On the server side, a thread in DetachedHANmingService is listening for discovery requests. When it receives a request, it responds with its own HA-JNDI address. On the client side, the client accepts the first response and then discontinues waiting for further responses.
Be sure to test scenarios where there's more than one client in the group at the same time. Maybe make a mock client that is as much as possible like the normal one except it doesn't disconnect from the group, thus letting you see what happens if it is in the group and receives the multicast request.
The request and response messages are typed so that a recipient can distinguish between them.
Currently a client won't respond to another client's request because it only issues requests and then blocks for a response. It will ignore non-response message types. I need to check the client implementation and ensure that it will continue listening for a response (up to the timeout threshold) if it receives another message type. Good point!

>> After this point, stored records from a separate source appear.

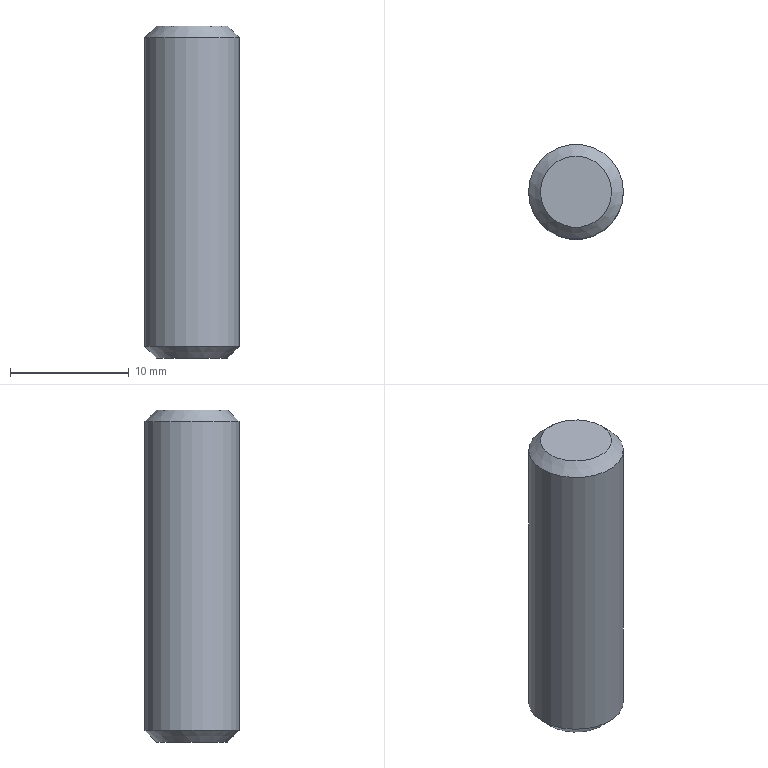Component | NX | PIN | 1 solid | 5 faces | box 8 x 8 x 28 mm | volume 1384 mm3 | plane 2 | cone 2 | cylinder 1 | commonest cylinder face diameters 8 x1
STEP:
#1=CARTESIAN_POINT('',(0.,0.,0.));
#2=DIRECTION('',(0.,0.,1.));
#3=DIRECTION('',(1.,0.,0.));
#4=AXIS2_PLACEMENT_3D('',#1,#2,#3);
#5=CARTESIAN_POINT('',(58.,-0.,-13.));
#6=VERTEX_POINT('',#5);
#7=CARTESIAN_POINT('',(54.,-0.,-13.));
#8=DIRECTION('',(0.,0.,1.));
#9=DIRECTION('',(1.,0.,0.));
#10=AXIS2_PLACEMENT_3D('',#7,#8,#9);
#11=CIRCLE('',#10,4.);
#12=CARTESIAN_POINT('',(54.,-0.,14.));
#13=DIRECTION('',(0.,0.,-1.));
#14=DIRECTION('',(-1.,0.,0.));
#15=AXIS2_PLACEMENT_3D('',#12,#13,#14);
#16=CYLINDRICAL_SURFACE('',#15,4.);
#17=CARTESIAN_POINT('',(9.425,27.));
#18=DIRECTION('',(-1.,0.));
#19=VECTOR('',#18,1.);
#20=LINE('',#17,#19);
#21=(GEOMETRIC_REPRESENTATION_CONTEXT(2)PARAMETRIC_REPRESENTATION_CONTEXT()REPRESENTATION_CONTEXT('',''));
#22=DEFINITIONAL_REPRESENTATION('',(#20),#21);
#23=PCURVE('',#16,#22);
#24=CARTESIAN_POINT('',(54.,-0.,-13.));
#25=DIRECTION('',(0.,0.,1.));
#26=DIRECTION('',(1.,0.,0.));
#27=AXIS2_PLACEMENT_3D('',#24,#25,#26);
#28=CONICAL_SURFACE('',#27,4.,0.7854);
#29=CARTESIAN_POINT('',(0.,0.));
#30=DIRECTION('',(1.,0.));
#31=VECTOR('',#30,1.);
#32=LINE('',#29,#31);
#33=(GEOMETRIC_REPRESENTATION_CONTEXT(2)PARAMETRIC_REPRESENTATION_CONTEXT()REPRESENTATION_CONTEXT('',''));
#34=DEFINITIONAL_REPRESENTATION('',(#32),#33);
#35=PCURVE('',#28,#34);
#36=SURFACE_CURVE('',#11,(#23,#35),.PCURVE_S1.);
#37=EDGE_CURVE('',#6,#6,#36,.T.);
#38=ORIENTED_EDGE('',*,*,#37,.T.);
#39=CARTESIAN_POINT('',(58.,-0.,13.));
#40=VERTEX_POINT('',#39);
#41=CARTESIAN_POINT('',(58.,-0.,13.));
#42=CARTESIAN_POINT('',(58.,-0.,-13.));
#43=B_SPLINE_CURVE_WITH_KNOTS('',1,(#41,#42),.UNSPECIFIED.,.F.,.F.,(2,2),(1.,27.),.PIECEWISE_BEZIER_KNOTS.);
#44=CARTESIAN_POINT('',(3.142,0.));
#45=DIRECTION('',(0.,1.));
#46=VECTOR('',#45,1.);
#47=LINE('',#44,#46);
#48=(GEOMETRIC_REPRESENTATION_CONTEXT(2)PARAMETRIC_REPRESENTATION_CONTEXT()REPRESENTATION_CONTEXT('',''));
#49=DEFINITIONAL_REPRESENTATION('',(#47),#48);
#50=PCURVE('',#16,#49);
#51=CARTESIAN_POINT('',(9.425,0.));
#52=DIRECTION('',(0.,1.));
#53=VECTOR('',#52,1.);
#54=LINE('',#51,#53);
#55=(GEOMETRIC_REPRESENTATION_CONTEXT(2)PARAMETRIC_REPRESENTATION_CONTEXT()REPRESENTATION_CONTEXT('',''));
#56=DEFINITIONAL_REPRESENTATION('',(#54),#55);
#57=PCURVE('',#16,#56);
#58=SEAM_CURVE('',#43,(#50,#57),.PCURVE_S1.);
#59=EDGE_CURVE('',#40,#6,#58,.T.);
#60=ORIENTED_EDGE('',*,*,#59,.F.);
#61=CARTESIAN_POINT('',(54.,-0.,13.));
#62=DIRECTION('',(0.,0.,-1.));
#63=DIRECTION('',(1.,0.,0.));
#64=AXIS2_PLACEMENT_3D('',#61,#62,#63);
#65=CIRCLE('',#64,4.);
#66=CARTESIAN_POINT('',(3.142,1.));
#67=DIRECTION('',(1.,0.));
#68=VECTOR('',#67,1.);
#69=LINE('',#66,#68);
#70=(GEOMETRIC_REPRESENTATION_CONTEXT(2)PARAMETRIC_REPRESENTATION_CONTEXT()REPRESENTATION_CONTEXT('',''));
#71=DEFINITIONAL_REPRESENTATION('',(#69),#70);
#72=PCURVE('',#16,#71);
#73=CARTESIAN_POINT('',(54.,-0.,14.));
#74=DIRECTION('',(0.,0.,-1.));
#75=DIRECTION('',(-1.,0.,0.));
#76=AXIS2_PLACEMENT_3D('',#73,#74,#75);
#77=CONICAL_SURFACE('',#76,3.,0.7854);
#78=CARTESIAN_POINT('',(3.142,1.));
#79=DIRECTION('',(1.,0.));
#80=VECTOR('',#79,1.);
#81=LINE('',#78,#80);
#82=(GEOMETRIC_REPRESENTATION_CONTEXT(2)PARAMETRIC_REPRESENTATION_CONTEXT()REPRESENTATION_CONTEXT('',''));
#83=DEFINITIONAL_REPRESENTATION('',(#81),#82);
#84=PCURVE('',#77,#83);
#85=SURFACE_CURVE('',#65,(#72,#84),.PCURVE_S1.);
#86=EDGE_CURVE('',#40,#40,#85,.T.);
#87=ORIENTED_EDGE('',*,*,#86,.T.);
#88=ORIENTED_EDGE('',*,*,#59,.T.);
#89=EDGE_LOOP('',(#38,#60,#87,#88));
#90=FACE_BOUND('',#89,.T.);
#91=ADVANCED_FACE('',(#90),#16,.T.);
#92=CARTESIAN_POINT('',(57.,-0.,14.));
#93=VERTEX_POINT('',#92);
#94=CARTESIAN_POINT('',(54.,-0.,14.));
#95=DIRECTION('',(0.,0.,1.));
#96=DIRECTION('',(1.,0.,0.));
#97=AXIS2_PLACEMENT_3D('',#94,#95,#96);
#98=CIRCLE('',#97,3.);
#99=CARTESIAN_POINT('',(54.,-0.,14.));
#100=DIRECTION('',(0.,0.,1.));
#101=DIRECTION('',(1.,0.,0.));
#102=AXIS2_PLACEMENT_3D('',#99,#100,#101);
#103=PLANE('',#102);
#104=CARTESIAN_POINT('',(0.,0.));
#105=DIRECTION('',(1.,0.));
#106=AXIS2_PLACEMENT_2D('',#104,#105);
#107=CIRCLE('',#106,3.);
#108=(GEOMETRIC_REPRESENTATION_CONTEXT(2)PARAMETRIC_REPRESENTATION_CONTEXT()REPRESENTATION_CONTEXT('',''));
#109=DEFINITIONAL_REPRESENTATION('',(#107),#108);
#110=PCURVE('',#103,#109);
#111=CARTESIAN_POINT('',(9.425,0.));
#112=DIRECTION('',(-1.,0.));
#113=VECTOR('',#112,1.);
#114=LINE('',#111,#113);
#115=(GEOMETRIC_REPRESENTATION_CONTEXT(2)PARAMETRIC_REPRESENTATION_CONTEXT()REPRESENTATION_CONTEXT('',''));
#116=DEFINITIONAL_REPRESENTATION('',(#114),#115);
#117=PCURVE('',#77,#116);
#118=SURFACE_CURVE('',#98,(#110,#117),.PCURVE_S1.);
#119=EDGE_CURVE('',#93,#93,#118,.T.);
#120=ORIENTED_EDGE('',*,*,#119,.T.);
#121=EDGE_LOOP('',(#120));
#122=FACE_BOUND('',#121,.T.);
#123=ADVANCED_FACE('',(#122),#103,.T.);
#124=CARTESIAN_POINT('',(57.,-0.,-14.));
#125=VERTEX_POINT('',#124);
#126=CARTESIAN_POINT('',(54.,-0.,-14.));
#127=DIRECTION('',(0.,0.,-1.));
#128=DIRECTION('',(1.,0.,0.));
#129=AXIS2_PLACEMENT_3D('',#126,#127,#128);
#130=CIRCLE('',#129,3.);
#131=CARTESIAN_POINT('',(54.,-0.,-14.));
#132=DIRECTION('',(0.,0.,1.));
#133=DIRECTION('',(1.,0.,0.));
#134=AXIS2_PLACEMENT_3D('',#131,#132,#133);
#135=PLANE('',#134);
#136=CARTESIAN_POINT('',(3.,0.));
#137=CARTESIAN_POINT('',(3.,-5.196));
#138=CARTESIAN_POINT('',(-1.5,-2.598));
#139=CARTESIAN_POINT('',(-6.,-0.));
#140=CARTESIAN_POINT('',(-1.5,2.598));
#141=CARTESIAN_POINT('',(3.,5.196));
#142=CARTESIAN_POINT('',(3.,0.));
#143=(BOUNDED_CURVE()B_SPLINE_CURVE(2,(#136,#137,#138,#139,#140,#141,#142),.UNSPECIFIED.,.T.,.F.)B_SPLINE_CURVE_WITH_KNOTS((1,2,2,2,2,1),(-2.094,0.,2.094,4.189,6.283,8.378),.UNSPECIFIED.)CURVE()GEOMETRIC_REPRESENTATION_ITEM()RATIONAL_B_SPLINE_CURVE((1.,0.5,1.,0.5,1.,0.5,1.))REPRESENTATION_ITEM(''));
#144=(GEOMETRIC_REPRESENTATION_CONTEXT(2)PARAMETRIC_REPRESENTATION_CONTEXT()REPRESENTATION_CONTEXT('',''));
#145=DEFINITIONAL_REPRESENTATION('',(#143),#144);
#146=PCURVE('',#135,#145);
#147=CARTESIAN_POINT('',(6.283,-1.));
#148=DIRECTION('',(-1.,0.));
#149=VECTOR('',#148,1.);
#150=LINE('',#147,#149);
#151=(GEOMETRIC_REPRESENTATION_CONTEXT(2)PARAMETRIC_REPRESENTATION_CONTEXT()REPRESENTATION_CONTEXT('',''));
#152=DEFINITIONAL_REPRESENTATION('',(#150),#151);
#153=PCURVE('',#28,#152);
#154=SURFACE_CURVE('',#130,(#146,#153),.PCURVE_S1.);
#155=EDGE_CURVE('',#125,#125,#154,.T.);
#156=ORIENTED_EDGE('',*,*,#155,.T.);
#157=EDGE_LOOP('',(#156));
#158=FACE_BOUND('',#157,.T.);
#159=ADVANCED_FACE('',(#158),#135,.F.);
#160=ORIENTED_EDGE('',*,*,#155,.F.);
#161=CARTESIAN_POINT('',(57.,-0.,-14.));
#162=CARTESIAN_POINT('',(58.,-0.,-13.));
#163=B_SPLINE_CURVE_WITH_KNOTS('',1,(#161,#162),.UNSPECIFIED.,.F.,.F.,(2,2),(-1.414,0.),.PIECEWISE_BEZIER_KNOTS.);
#164=CARTESIAN_POINT('',(6.283,0.));
#165=DIRECTION('',(0.,1.));
#166=VECTOR('',#165,1.);
#167=LINE('',#164,#166);
#168=(GEOMETRIC_REPRESENTATION_CONTEXT(2)PARAMETRIC_REPRESENTATION_CONTEXT()REPRESENTATION_CONTEXT('',''));
#169=DEFINITIONAL_REPRESENTATION('',(#167),#168);
#170=PCURVE('',#28,#169);
#171=CARTESIAN_POINT('',(0.,0.));
#172=DIRECTION('',(0.,1.));
#173=VECTOR('',#172,1.);
#174=LINE('',#171,#173);
#175=(GEOMETRIC_REPRESENTATION_CONTEXT(2)PARAMETRIC_REPRESENTATION_CONTEXT()REPRESENTATION_CONTEXT('',''));
#176=DEFINITIONAL_REPRESENTATION('',(#174),#175);
#177=PCURVE('',#28,#176);
#178=SEAM_CURVE('',#163,(#170,#177),.PCURVE_S1.);
#179=EDGE_CURVE('',#125,#6,#178,.T.);
#180=ORIENTED_EDGE('',*,*,#179,.T.);
#181=ORIENTED_EDGE('',*,*,#37,.F.);
#182=ORIENTED_EDGE('',*,*,#179,.F.);
#183=EDGE_LOOP('',(#160,#180,#181,#182));
#184=FACE_BOUND('',#183,.T.);
#185=ADVANCED_FACE('',(#184),#28,.T.);
#186=ORIENTED_EDGE('',*,*,#86,.F.);
#187=CARTESIAN_POINT('',(57.,-0.,14.));
#188=CARTESIAN_POINT('',(58.,-0.,13.));
#189=B_SPLINE_CURVE_WITH_KNOTS('',1,(#187,#188),.UNSPECIFIED.,.F.,.F.,(2,2),(0.,1.414),.PIECEWISE_BEZIER_KNOTS.);
#190=CARTESIAN_POINT('',(3.142,0.));
#191=DIRECTION('',(0.,1.));
#192=VECTOR('',#191,1.);
#193=LINE('',#190,#192);
#194=(GEOMETRIC_REPRESENTATION_CONTEXT(2)PARAMETRIC_REPRESENTATION_CONTEXT()REPRESENTATION_CONTEXT('',''));
#195=DEFINITIONAL_REPRESENTATION('',(#193),#194);
#196=PCURVE('',#77,#195);
#197=CARTESIAN_POINT('',(9.425,0.));
#198=DIRECTION('',(0.,1.));
#199=VECTOR('',#198,1.);
#200=LINE('',#197,#199);
#201=(GEOMETRIC_REPRESENTATION_CONTEXT(2)PARAMETRIC_REPRESENTATION_CONTEXT()REPRESENTATION_CONTEXT('',''));
#202=DEFINITIONAL_REPRESENTATION('',(#200),#201);
#203=PCURVE('',#77,#202);
#204=SEAM_CURVE('',#189,(#196,#203),.PCURVE_S1.);
#205=EDGE_CURVE('',#93,#40,#204,.T.);
#206=ORIENTED_EDGE('',*,*,#205,.F.);
#207=ORIENTED_EDGE('',*,*,#119,.F.);
#208=ORIENTED_EDGE('',*,*,#205,.T.);
#209=EDGE_LOOP('',(#186,#206,#207,#208));
#210=FACE_BOUND('',#209,.T.);
#211=ADVANCED_FACE('',(#210),#77,.T.);
#212=CLOSED_SHELL('',(#91,#123,#159,#185,#211));
#213=MANIFOLD_SOLID_BREP('',#212);
#214=(LENGTH_UNIT()NAMED_UNIT(*)SI_UNIT(.MILLI.,.METRE.));
#215=UNCERTAINTY_MEASURE_WITH_UNIT(LENGTH_MEASURE(0.00001),#214,'','');
#216=(NAMED_UNIT(*)PLANE_ANGLE_UNIT()SI_UNIT($,.RADIAN.));
#217=(NAMED_UNIT(*)SI_UNIT($,.STERADIAN.)SOLID_ANGLE_UNIT());
#218=(GEOMETRIC_REPRESENTATION_CONTEXT(3)GLOBAL_UNCERTAINTY_ASSIGNED_CONTEXT((#215))GLOBAL_UNIT_ASSIGNED_CONTEXT((#214,#216,#217))REPRESENTATION_CONTEXT('',''));
#219=ADVANCED_BREP_SHAPE_REPRESENTATION('',(#4,#213),#218);

Definitely gotta have unit tests of that kind of thing. Otherwise, once you think of everything and get it all correct, a year from now I'll come along, make some tiny tweak and break something very subtle. :-)
BTW, just to document this thought in this thread -- earlier I mentioned ensuring the client is not the coordinator and then using state transfer. GMS has a disable_initial_coord flag that could be set to ensure a client isn't the coordinator. But this is an overly fragile approach, e.g. if someone uses a custom protocol stack and copies the same stack on client and server side, they won't have this flag set anymore. Your approach is better.
Here's a revised proposal.
1) Store the JGroups stack in a static variable so that it's accessible from the client and server implementation classes.
2) Leave the existing variables (multicast port/address, binding address) as is
so that they can be applied to the static stack when configuring the channel. This will give users the same view of AutoDiscovery that they currently have while replacing the implementation under the covers.
3) Once the multiplexer is available, review how it might be incorporated as an option. For example, it might be utilized in an alternative configuration scheme where the user can specify a multiplexed stack on the server side. In this case, the user would probably need to specify a comparable stack in the jndi.properties file using a new variable.
Bottom line here - JGroups-based AutoDiscovery would expose the same properties as the current implementation so the user's configuration options would be unchanged. New client and server variables that would offer the use of a JGroups stack instead of the default configuration would would be documented but not configured by default.
I'll proceed with the static variable stack and substitution of the existing configuration parameters as described. When the multiplexer is available, I'll revisit the implementation and revive this discussion if warranted.
On the testing side, there are already two small sets of tests for AutoDiscovery. The Naming module provides single node tests that exercise AutoDiscovery while the Clustering module provides a different set that uses multiple nodes. I'll see if it's possible to introduce a test where a client receives a request while waiting for a response.
The legacy auto discovery also needs to be implemented if this is going to make it into 4.0, and should be done as a reference anyway.
I don't see how this jgroups implementation is an immeadiate improvement in terms of ease of use and reliability. That needs to be proven.
We also need an integration with the remoting discovery capabilities since this is really going to be the mechanism for all proxies, including naming.